SHANTANU JATHAR, Cody Vanderheyden, Abril Galang, Liam Lewane, Kevin Klunder, Charles Henry, John Volckens, Colorado State University

     Abstract Number: 522
     Working Group: Linking Aerosol Oxidative Potential with Chemical Composition and Biological Endpoints

Abstract
The aerosol oxidative potential is emerging as an important aerosol property that could help identify the chemical mechanisms by which aerosols affect human health. While certain chemical constituents (e.g., semi-volatile organic compounds, transition metals, elemental carbon) have been shown to correlate strongly with the measured oxidative potential, it is unclear how each of these chemical compounds contribute individually to the total oxidative potential. Furthermore, the aerosol chemical composition varies significantly with atmospheric mixing as semi-volatile organic compounds evaporate with dilution, affecting the aerosol oxidative potential. To systematically probe chemical composition and volatility, we conducted experiments with a non-road diesel engine for two different fuels (conventional diesel and soy-based biodiesel) and two different engine loads (idle and 50% load) at 8 to 10 different dilution ratios on a combination of bare quartz, Teflon, and quartz behind Teflon filters. The aerosol was mostly composed of organic aerosol and elemental carbon (~95%) with trace amounts of inorganic ions and metals (<1%). The organic aerosol at all fuel-load combinations was found to be strongly semi-volatile where more than three-quarters of the particle mass in the tailpipe was found to evaporate when diluted to urban-like concentrations. The aerosol chemical composition and volatility was nearly identical for diesel and biodiesel exhaust implying that the aerosol properties were only loosely linked to the fuel type. The oxidative potential, expressed as the rate of DTT consumption per unit aerosol mass, was higher (factor of ~2) for diesel exhaust compared to biodiesel exhaust and higher (factor of ~3) at 50% engine load than at idle.
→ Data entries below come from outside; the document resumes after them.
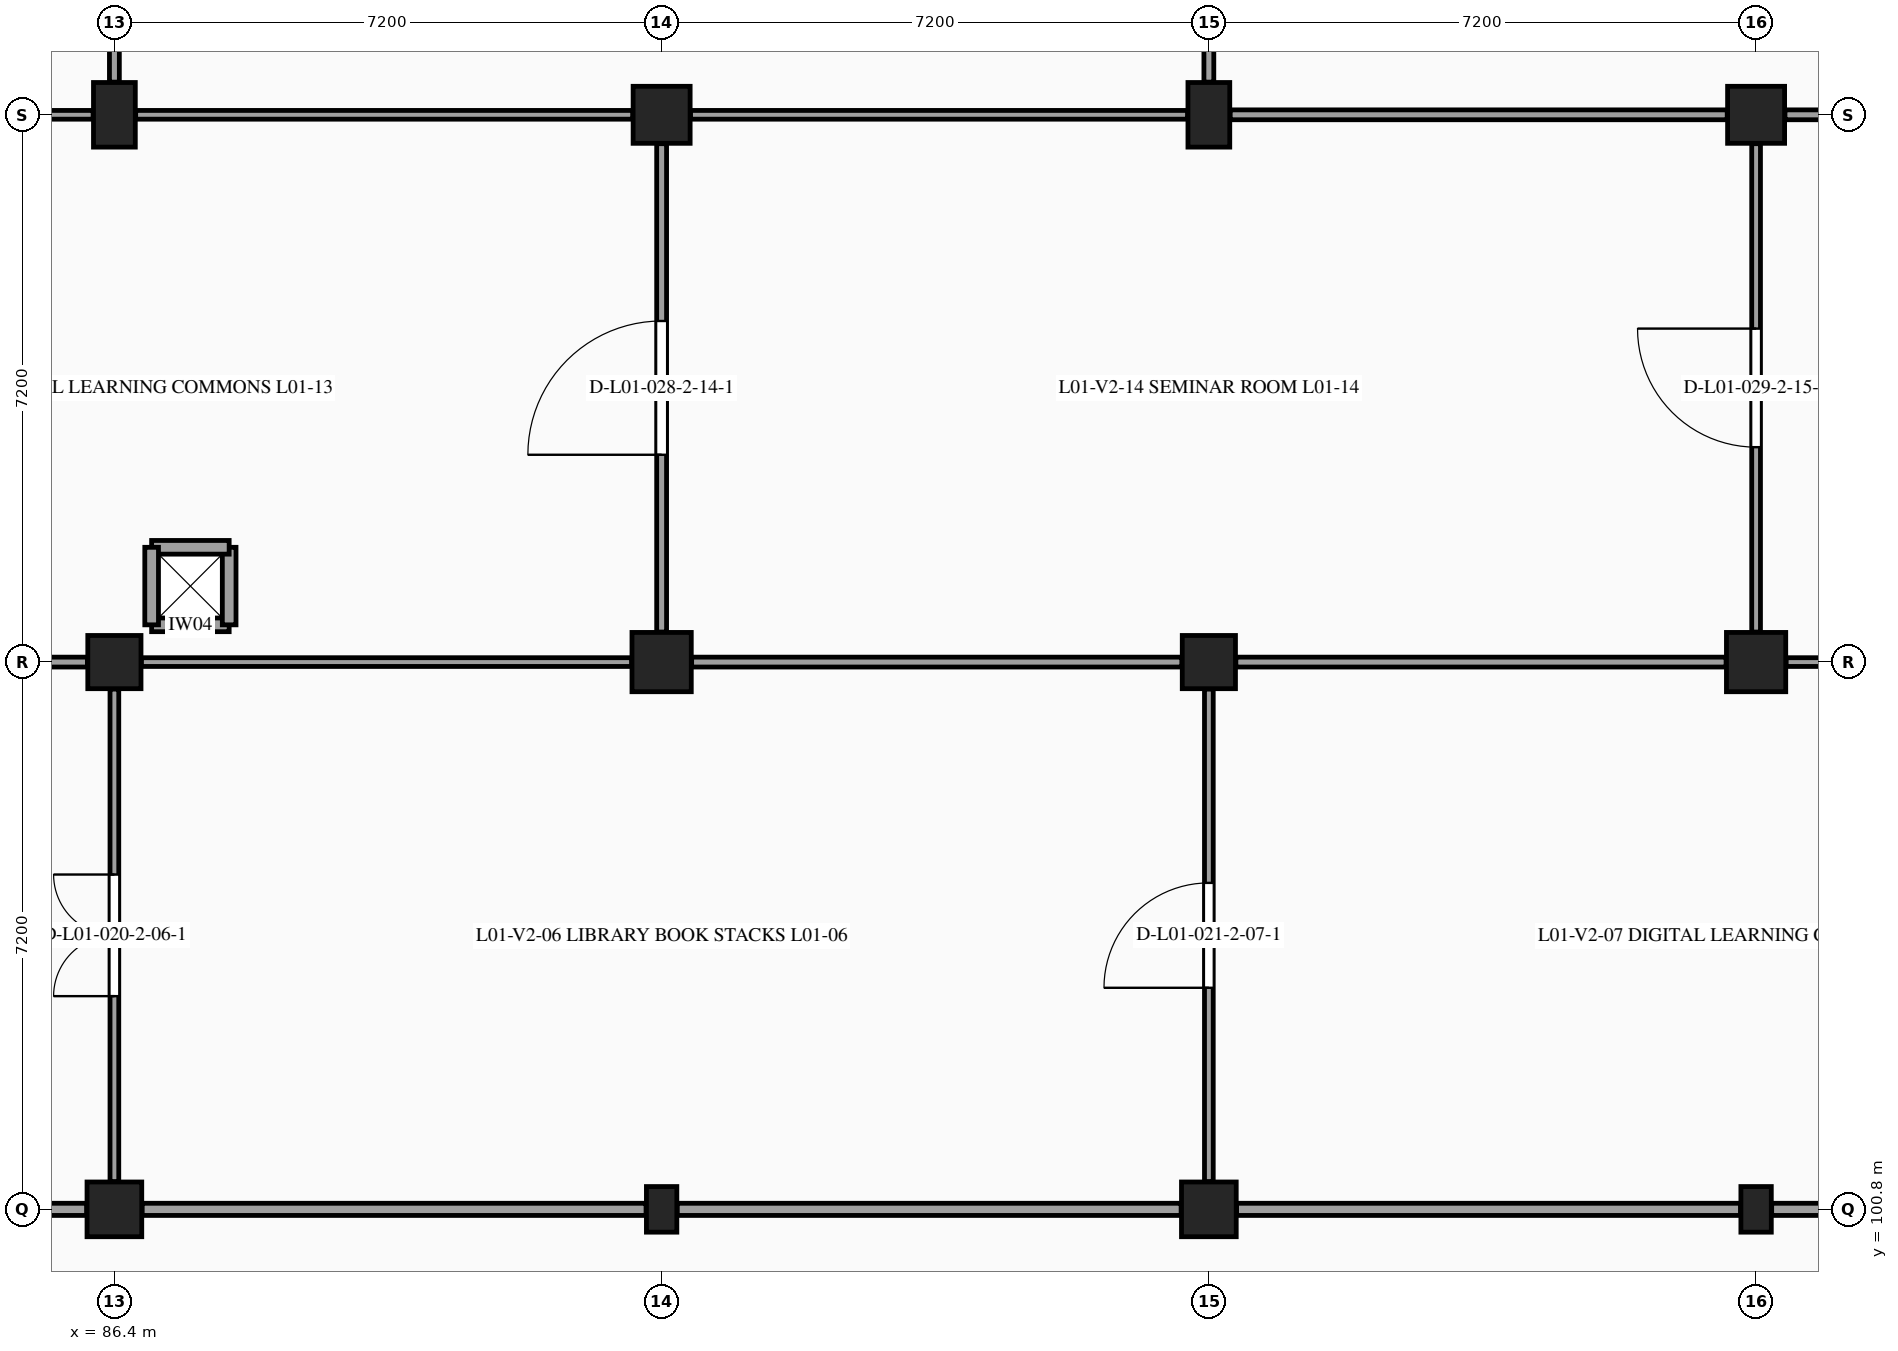
"""IFC4 building model, lengths in metres.
Left out: names, types, materials, properties, quantities, classifications, styles, units other than length and angle.
Written with IfcOpenShell. Run it as: python <this file> out.ifc"""

import sys

from ifc_helpers import new_model, si_unit, direction, frame, frame_2d, origin, origin_2d, place, context, subcontext, project, spatial, rectangle, extrude, element, fill, save


model = new_model("IFC4")
c1 = context("Model", 3, precision=1e-05, world=origin(), true_north=direction((0.0, 1.0)))
c2 = subcontext(c1, "Body", "Model", "MODEL_VIEW")
j1 = project(units=[si_unit("LENGTHUNIT", "METRE"), si_unit("PLANEANGLEUNIT", "RADIAN")], contexts=[c1])
p1 = place(None, origin())
s1 = spatial("IfcSite", under=j1, at=p1, CompositionType="ELEMENT")
p2 = place(p1, origin())
s2 = spatial("IfcBuilding", under=s1, at=p2, CompositionType="ELEMENT")
p3 = place(p2, frame((0.0, 0.0, 5.4)))
s3 = spatial("IfcBuildingStorey", under=s2, at=p3, CompositionType="ELEMENT", Elevation=5.4)
p4 = place(p3, frame((86.4, 100.8, 0.0), z_axis=(0.0, 0.0, 1.0), x_axis=(1.0, 0.0, 0.0)))
e1 = element("IfcColumn", 1, at=p4, inside=s3, PredefinedType="COLUMN", context=c2, shape_type="SweptSolid", body=[
    extrude(rectangle(XDim=0.72, YDim=0.72, at=origin_2d()), origin(), (0.0, 0.0, 1.0), 4.5),
])
p5 = place(p3, frame((86.4, 108.0, 0.0), z_axis=(0.0, 0.0, 1.0), x_axis=(1.0, 0.0, 0.0)))
e2 = element("IfcColumn", 2, at=p5, inside=s3, PredefinedType="COLUMN", context=c2, shape_type="SweptSolid", body=[
    extrude(rectangle(XDim=0.7, YDim=0.7, at=origin_2d()), origin(), (0.0, 0.0, 1.0), 4.5),
])
p6 = place(p3, frame((86.4, 115.2, 0.0), z_axis=(0.0, 0.0, 1.0), x_axis=(1.0, 0.0, 0.0)))
e3 = element("IfcColumn", 3, at=p6, inside=s3, PredefinedType="COLUMN", context=c2, shape_type="SweptSolid", body=[
    extrude(rectangle(XDim=0.55, YDim=0.85, at=origin_2d()), origin(), (0.0, 0.0, 1.0), 4.5),
])
p7 = place(p3, frame((93.6, 100.8, 0.0), z_axis=(0.0, 0.0, 1.0), x_axis=(1.0, 0.0, 0.0)))
e4 = element("IfcColumn", 4, at=p7, inside=s3, PredefinedType="PILASTER", context=c2, shape_type="SweptSolid", body=[
    extrude(rectangle(XDim=0.4, YDim=0.6, at=origin_2d()), origin(), (0.0, 0.0, 1.0), 4.5),
])
p8 = place(p3, frame((93.6, 108.0, 0.0), z_axis=(0.0, 0.0, 1.0), x_axis=(1.0, 0.0, 0.0)))
e5 = element("IfcColumn", 5, at=p8, inside=s3, PredefinedType="COLUMN", context=c2, shape_type="SweptSolid", body=[
    extrude(rectangle(XDim=0.78, YDim=0.78, at=origin_2d()), origin(), (0.0, 0.0, 1.0), 4.5),
])
p9 = place(p3, frame((93.6, 115.2, 0.0), z_axis=(0.0, 0.0, 1.0), x_axis=(1.0, 0.0, 0.0)))
e6 = element("IfcColumn", 6, at=p9, inside=s3, PredefinedType="COLUMN", context=c2, shape_type="SweptSolid", body=[
    extrude(rectangle(XDim=0.75, YDim=0.75, at=origin_2d()), origin(), (0.0, 0.0, 1.0), 4.5),
])
p10 = place(p3, frame((100.8, 100.8, 0.0), z_axis=(0.0, 0.0, 1.0), x_axis=(1.0, 0.0, 0.0)))
e7 = element("IfcColumn", 7, at=p10, inside=s3, PredefinedType="COLUMN", context=c2, shape_type="SweptSolid", body=[
    extrude(rectangle(XDim=0.72, YDim=0.72, at=origin_2d()), origin(), (0.0, 0.0, 1.0), 4.5),
])
p11 = place(p3, frame((100.8, 108.0, 0.0), z_axis=(0.0, 0.0, 1.0), x_axis=(1.0, 0.0, 0.0)))
e8 = element("IfcColumn", 8, at=p11, inside=s3, PredefinedType="COLUMN", context=c2, shape_type="SweptSolid", body=[
    extrude(rectangle(XDim=0.7, YDim=0.7, at=origin_2d()), origin(), (0.0, 0.0, 1.0), 4.5),
])
p12 = place(p3, frame((100.8, 115.2, 0.0), z_axis=(0.0, 0.0, 1.0), x_axis=(1.0, 0.0, 0.0)))
e9 = element("IfcColumn", 9, at=p12, inside=s3, PredefinedType="COLUMN", context=c2, shape_type="SweptSolid", body=[
    extrude(rectangle(XDim=0.55, YDim=0.85, at=origin_2d()), origin(), (0.0, 0.0, 1.0), 4.5),
])
p13 = place(p3, frame((108.0, 100.8, 0.0), z_axis=(0.0, 0.0, 1.0), x_axis=(1.0, 0.0, 0.0)))
e10 = element("IfcColumn", 10, at=p13, inside=s3, PredefinedType="PILASTER", context=c2, shape_type="SweptSolid", body=[
    extrude(rectangle(XDim=0.4, YDim=0.6, at=origin_2d()), origin(), (0.0, 0.0, 1.0), 4.5),
])
p14 = place(p3, frame((108.0, 108.0, 0.0), z_axis=(0.0, 0.0, 1.0), x_axis=(1.0, 0.0, 0.0)))
e11 = element("IfcColumn", 11, at=p14, inside=s3, PredefinedType="COLUMN", context=c2, shape_type="SweptSolid", body=[
    extrude(rectangle(XDim=0.78, YDim=0.78, at=origin_2d()), origin(), (0.0, 0.0, 1.0), 4.5),
])
p15 = place(p3, frame((108.0, 115.2, 0.0), z_axis=(0.0, 0.0, 1.0), x_axis=(1.0, 0.0, 0.0)))
e12 = element("IfcColumn", 12, at=p15, inside=s3, PredefinedType="COLUMN", context=c2, shape_type="SweptSolid", body=[
    extrude(rectangle(XDim=0.75, YDim=0.75, at=origin_2d()), origin(), (0.0, 0.0, 1.0), 4.5),
])
for number, where, z_axis, x_axis in (
    (13, (86.89, 108.49, 0.0), (0.0, 0.0, 1.0), (1.0, 0.0, 0.0)),
    (14, (87.91, 108.49, 0.0), (0.0, 0.0, 1.0), (0.0, 1.0, 0.0)),
    (15, (87.91, 109.51, 0.0), (0.0, 0.0, 1.0), (-1.0, 0.0, 0.0)),
    (16, (86.89, 109.51, 0.0), (0.0, 0.0, 1.0), (0.0, -1.0, 0.0)),
):
    element("IfcWall", number, at=place(p3, frame(where, z_axis=z_axis, x_axis=x_axis)), inside=s3, PredefinedType="PARTITIONING", context=c2, shape_type="SweptSolid", body=[
        extrude(rectangle(XDim=1.02, YDim=0.18, at=frame_2d((0.51, 0.0))), origin(), (0.0, 0.0, 1.0), 4.21),
    ])
p16 = place(p3, frame((79.405, 100.8, 0.0), z_axis=(0.0, 0.0, 1.0), x_axis=(1.0, 0.0, 0.0)))
e17 = element("IfcWall", 17, at=p16, inside=s3, PredefinedType="PARTITIONING", context=c2, shape_type="SweptSolid", body=[
    extrude(rectangle(XDim=6.63, YDim=0.16, at=frame_2d((3.315, 0.0))), origin(), (0.0, 0.0, 1.0), 3.47),
])
p17 = place(p3, frame((86.4, 101.165, 0.0), z_axis=(0.0, 0.0, 1.0), x_axis=(0.0, 1.0, 0.0)))
e18 = element("IfcWall", 18, at=p17, inside=s3, PredefinedType="PARTITIONING", context=c2, shape_type="SweptSolid", body=[
    extrude(rectangle(XDim=6.48, YDim=0.115, at=frame_2d((3.24, 0.0))), origin(), (0.0, 0.0, 1.0), 3.525),
])
p18 = place(p17, frame((2.44, 0.0, 0.0)))
e19 = element("IfcOpeningElement", 19, at=p18, cuts=e18, PredefinedType="OPENING", context=c2, shape_type="SweptSolid", body=[
    extrude(rectangle(XDim=1.6, YDim=2.2, at=frame_2d((0.8, 1.1))), frame((0.0, 0.067, 0.0), z_axis=(0.0, -1.0, 0.0), x_axis=(1.0, 0.0, 0.0)), (0.0, 0.0, 1.0), 0.135),
])
p19 = place(p3, frame((79.595, 108.0, 0.0), z_axis=(0.0, 0.0, 1.0), x_axis=(1.0, 0.0, 0.0)))
e20 = element("IfcWall", 20, at=p19, inside=s3, PredefinedType="PARTITIONING", context=c2, shape_type="SweptSolid", body=[
    extrude(rectangle(XDim=6.45, YDim=0.13, at=frame_2d((3.225, 0.0))), origin(), (0.0, 0.0, 1.0), 3.47),
])
p20 = place(p3, frame((79.58, 115.2, 0.0), z_axis=(0.0, 0.0, 1.0), x_axis=(1.0, 0.0, 0.0)))
e21 = element("IfcWall", 21, at=p20, inside=s3, PredefinedType="PARTITIONING", context=c2, shape_type="SweptSolid", body=[
    extrude(rectangle(XDim=6.54, YDim=0.115, at=frame_2d((3.27, 0.0))), origin(), (0.0, 0.0, 1.0), 3.47),
])
p21 = place(p3, frame((86.4, 115.63, 0.0), z_axis=(0.0, 0.0, 1.0), x_axis=(0.0, 1.0, 0.0)))
e22 = element("IfcWall", 22, at=p21, inside=s3, PredefinedType="PARTITIONING", context=c2, shape_type="SweptSolid", body=[
    extrude(rectangle(XDim=6.465, YDim=0.13, at=frame_2d((3.232, 0.0))), origin(), (0.0, 0.0, 1.0), 3.52),
])
p22 = place(p21, frame((2.433, 0.0, 0.0)))
e23 = element("IfcOpeningElement", 23, at=p22, cuts=e22, PredefinedType="OPENING", context=c2, shape_type="SweptSolid", body=[
    extrude(rectangle(XDim=1.6, YDim=2.2, at=frame_2d((0.8, 1.1))), frame((0.0, 0.075, 0.0), z_axis=(0.0, -1.0, 0.0), x_axis=(1.0, 0.0, 0.0)), (0.0, 0.0, 1.0), 0.15),
])
p23 = place(p3, frame((86.765, 100.8, 0.0), z_axis=(0.0, 0.0, 1.0), x_axis=(1.0, 0.0, 0.0)))
e24 = element("IfcWall", 24, at=p23, inside=s3, PredefinedType="PARTITIONING", context=c2, shape_type="SweptSolid", body=[
    extrude(rectangle(XDim=6.63, YDim=0.16, at=frame_2d((3.315, 0.0))), origin(), (0.0, 0.0, 1.0), 3.485),
])
p24 = place(p3, frame((86.755, 108.0, 0.0), z_axis=(0.0, 0.0, 1.0), x_axis=(1.0, 0.0, 0.0)))
e25 = element("IfcWall", 25, at=p24, inside=s3, PredefinedType="PARTITIONING", context=c2, shape_type="SweptSolid", body=[
    extrude(rectangle(XDim=6.45, YDim=0.115, at=frame_2d((3.225, 0.0))), origin(), (0.0, 0.0, 1.0), 3.485),
])
p25 = place(p3, frame((93.6, 108.395, 0.0), z_axis=(0.0, 0.0, 1.0), x_axis=(0.0, 1.0, 0.0)))
e26 = element("IfcWall", 26, at=p25, inside=s3, PredefinedType="PARTITIONING", context=c2, shape_type="SweptSolid", body=[
    extrude(rectangle(XDim=6.425, YDim=0.13, at=frame_2d((3.212, 0.0))), origin(), (0.0, 0.0, 1.0), 3.525),
])
p26 = place(p25, frame((2.333, 0.0, 0.0)))
e27 = element("IfcOpeningElement", 27, at=p26, cuts=e26, PredefinedType="OPENING", context=c2, shape_type="SweptSolid", body=[
    extrude(rectangle(XDim=1.76, YDim=2.3, at=frame_2d((0.88, 1.15))), frame((0.0, 0.075, 0.0), z_axis=(0.0, -1.0, 0.0), x_axis=(1.0, 0.0, 0.0)), (0.0, 0.0, 1.0), 0.15),
])
p27 = place(p3, frame((86.68, 115.2, 0.0), z_axis=(0.0, 0.0, 1.0), x_axis=(1.0, 0.0, 0.0)))
e28 = element("IfcWall", 28, at=p27, inside=s3, PredefinedType="PARTITIONING", context=c2, shape_type="SweptSolid", body=[
    extrude(rectangle(XDim=6.54, YDim=0.115, at=frame_2d((3.27, 0.0))), origin(), (0.0, 0.0, 1.0), 3.485),
])
p28 = place(p3, frame((93.805, 100.8, 0.0), z_axis=(0.0, 0.0, 1.0), x_axis=(1.0, 0.0, 0.0)))
e29 = element("IfcWall", 29, at=p28, inside=s3, PredefinedType="PARTITIONING", context=c2, shape_type="SweptSolid", body=[
    extrude(rectangle(XDim=6.63, YDim=0.16, at=frame_2d((3.315, 0.0))), origin(), (0.0, 0.0, 1.0), 3.49),
])
p29 = place(p3, frame((100.8, 101.165, 0.0), z_axis=(0.0, 0.0, 1.0), x_axis=(0.0, 1.0, 0.0)))
e30 = element("IfcWall", 30, at=p29, inside=s3, PredefinedType="PARTITIONING", context=c2, shape_type="SweptSolid", body=[
    extrude(rectangle(XDim=6.48, YDim=0.115, at=frame_2d((3.24, 0.0))), origin(), (0.0, 0.0, 1.0), 3.525),
])
p30 = place(p29, frame((2.55, 0.0, 0.0)))
e31 = element("IfcOpeningElement", 31, at=p30, cuts=e30, PredefinedType="OPENING", context=c2, shape_type="SweptSolid", body=[
    extrude(rectangle(XDim=1.38, YDim=2.22, at=frame_2d((0.69, 1.11))), frame((0.0, 0.067, 0.0), z_axis=(0.0, -1.0, 0.0), x_axis=(1.0, 0.0, 0.0)), (0.0, 0.0, 1.0), 0.135),
])
p31 = place(p3, frame((93.995, 108.0, 0.0), z_axis=(0.0, 0.0, 1.0), x_axis=(1.0, 0.0, 0.0)))
e32 = element("IfcWall", 32, at=p31, inside=s3, PredefinedType="PARTITIONING", context=c2, shape_type="SweptSolid", body=[
    extrude(rectangle(XDim=6.45, YDim=0.13, at=frame_2d((3.225, 0.0))), origin(), (0.0, 0.0, 1.0), 3.49),
])
p32 = place(p3, frame((93.98, 115.2, 0.0), z_axis=(0.0, 0.0, 1.0), x_axis=(1.0, 0.0, 0.0)))
e33 = element("IfcWall", 33, at=p32, inside=s3, PredefinedType="PARTITIONING", context=c2, shape_type="SweptSolid", body=[
    extrude(rectangle(XDim=6.54, YDim=0.115, at=frame_2d((3.27, 0.0))), origin(), (0.0, 0.0, 1.0), 3.49),
])
p33 = place(p3, frame((100.8, 115.63, 0.0), z_axis=(0.0, 0.0, 1.0), x_axis=(0.0, 1.0, 0.0)))
e34 = element("IfcWall", 34, at=p33, inside=s3, PredefinedType="PARTITIONING", context=c2, shape_type="SweptSolid", body=[
    extrude(rectangle(XDim=6.465, YDim=0.13, at=frame_2d((3.232, 0.0))), origin(), (0.0, 0.0, 1.0), 3.52),
])
p34 = place(p33, frame((2.433, 0.0, 0.0)))
e35 = element("IfcOpeningElement", 35, at=p34, cuts=e34, PredefinedType="OPENING", context=c2, shape_type="SweptSolid", body=[
    extrude(rectangle(XDim=1.6, YDim=2.2, at=frame_2d((0.8, 1.1))), frame((0.0, 0.075, 0.0), z_axis=(0.0, -1.0, 0.0), x_axis=(1.0, 0.0, 0.0)), (0.0, 0.0, 1.0), 0.15),
])
p35 = place(p3, frame((101.165, 100.8, 0.0), z_axis=(0.0, 0.0, 1.0), x_axis=(1.0, 0.0, 0.0)))
e36 = element("IfcWall", 36, at=p35, inside=s3, PredefinedType="PARTITIONING", context=c2, shape_type="SweptSolid", body=[
    extrude(rectangle(XDim=6.63, YDim=0.16, at=frame_2d((3.315, 0.0))), origin(), (0.0, 0.0, 1.0), 3.51),
])
p36 = place(p3, frame((101.155, 108.0, 0.0), z_axis=(0.0, 0.0, 1.0), x_axis=(1.0, 0.0, 0.0)))
e37 = element("IfcWall", 37, at=p36, inside=s3, PredefinedType="PARTITIONING", context=c2, shape_type="SweptSolid", body=[
    extrude(rectangle(XDim=6.45, YDim=0.13, at=frame_2d((3.225, 0.0))), origin(), (0.0, 0.0, 1.0), 3.51),
])
p37 = place(p3, frame((108.0, 108.395, 0.0), z_axis=(0.0, 0.0, 1.0), x_axis=(0.0, 1.0, 0.0)))
e38 = element("IfcWall", 38, at=p37, inside=s3, PredefinedType="PARTITIONING", context=c2, shape_type="SweptSolid", body=[
    extrude(rectangle(XDim=6.425, YDim=0.115, at=frame_2d((3.212, 0.0))), origin(), (0.0, 0.0, 1.0), 3.525),
])
p38 = place(p37, frame((2.433, 0.0, 0.0)))
e39 = element("IfcOpeningElement", 39, at=p38, cuts=e38, PredefinedType="OPENING", context=c2, shape_type="SweptSolid", body=[
    extrude(rectangle(XDim=1.56, YDim=2.25, at=frame_2d((0.78, 1.125))), frame((0.0, 0.067, 0.0), z_axis=(0.0, -1.0, 0.0), x_axis=(1.0, 0.0, 0.0)), (0.0, 0.0, 1.0), 0.135),
])
p39 = place(p3, frame((101.08, 115.2, 0.0), z_axis=(0.0, 0.0, 1.0), x_axis=(1.0, 0.0, 0.0)))
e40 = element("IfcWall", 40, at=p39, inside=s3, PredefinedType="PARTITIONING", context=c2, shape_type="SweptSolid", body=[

The oxidative potential per unit aerosol mass was found to be significantly lower for the semi-volatile vapors in equilibrium with the organic aerosol suggesting that the oxidative potential was more closely associated with the non-volatile and possibly insoluble aerosol components. Ongoing work is focused on performing a multilinear regression to shed further light on the relationship between the measured aerosol properties (composition and volatility) and the oxidative potential.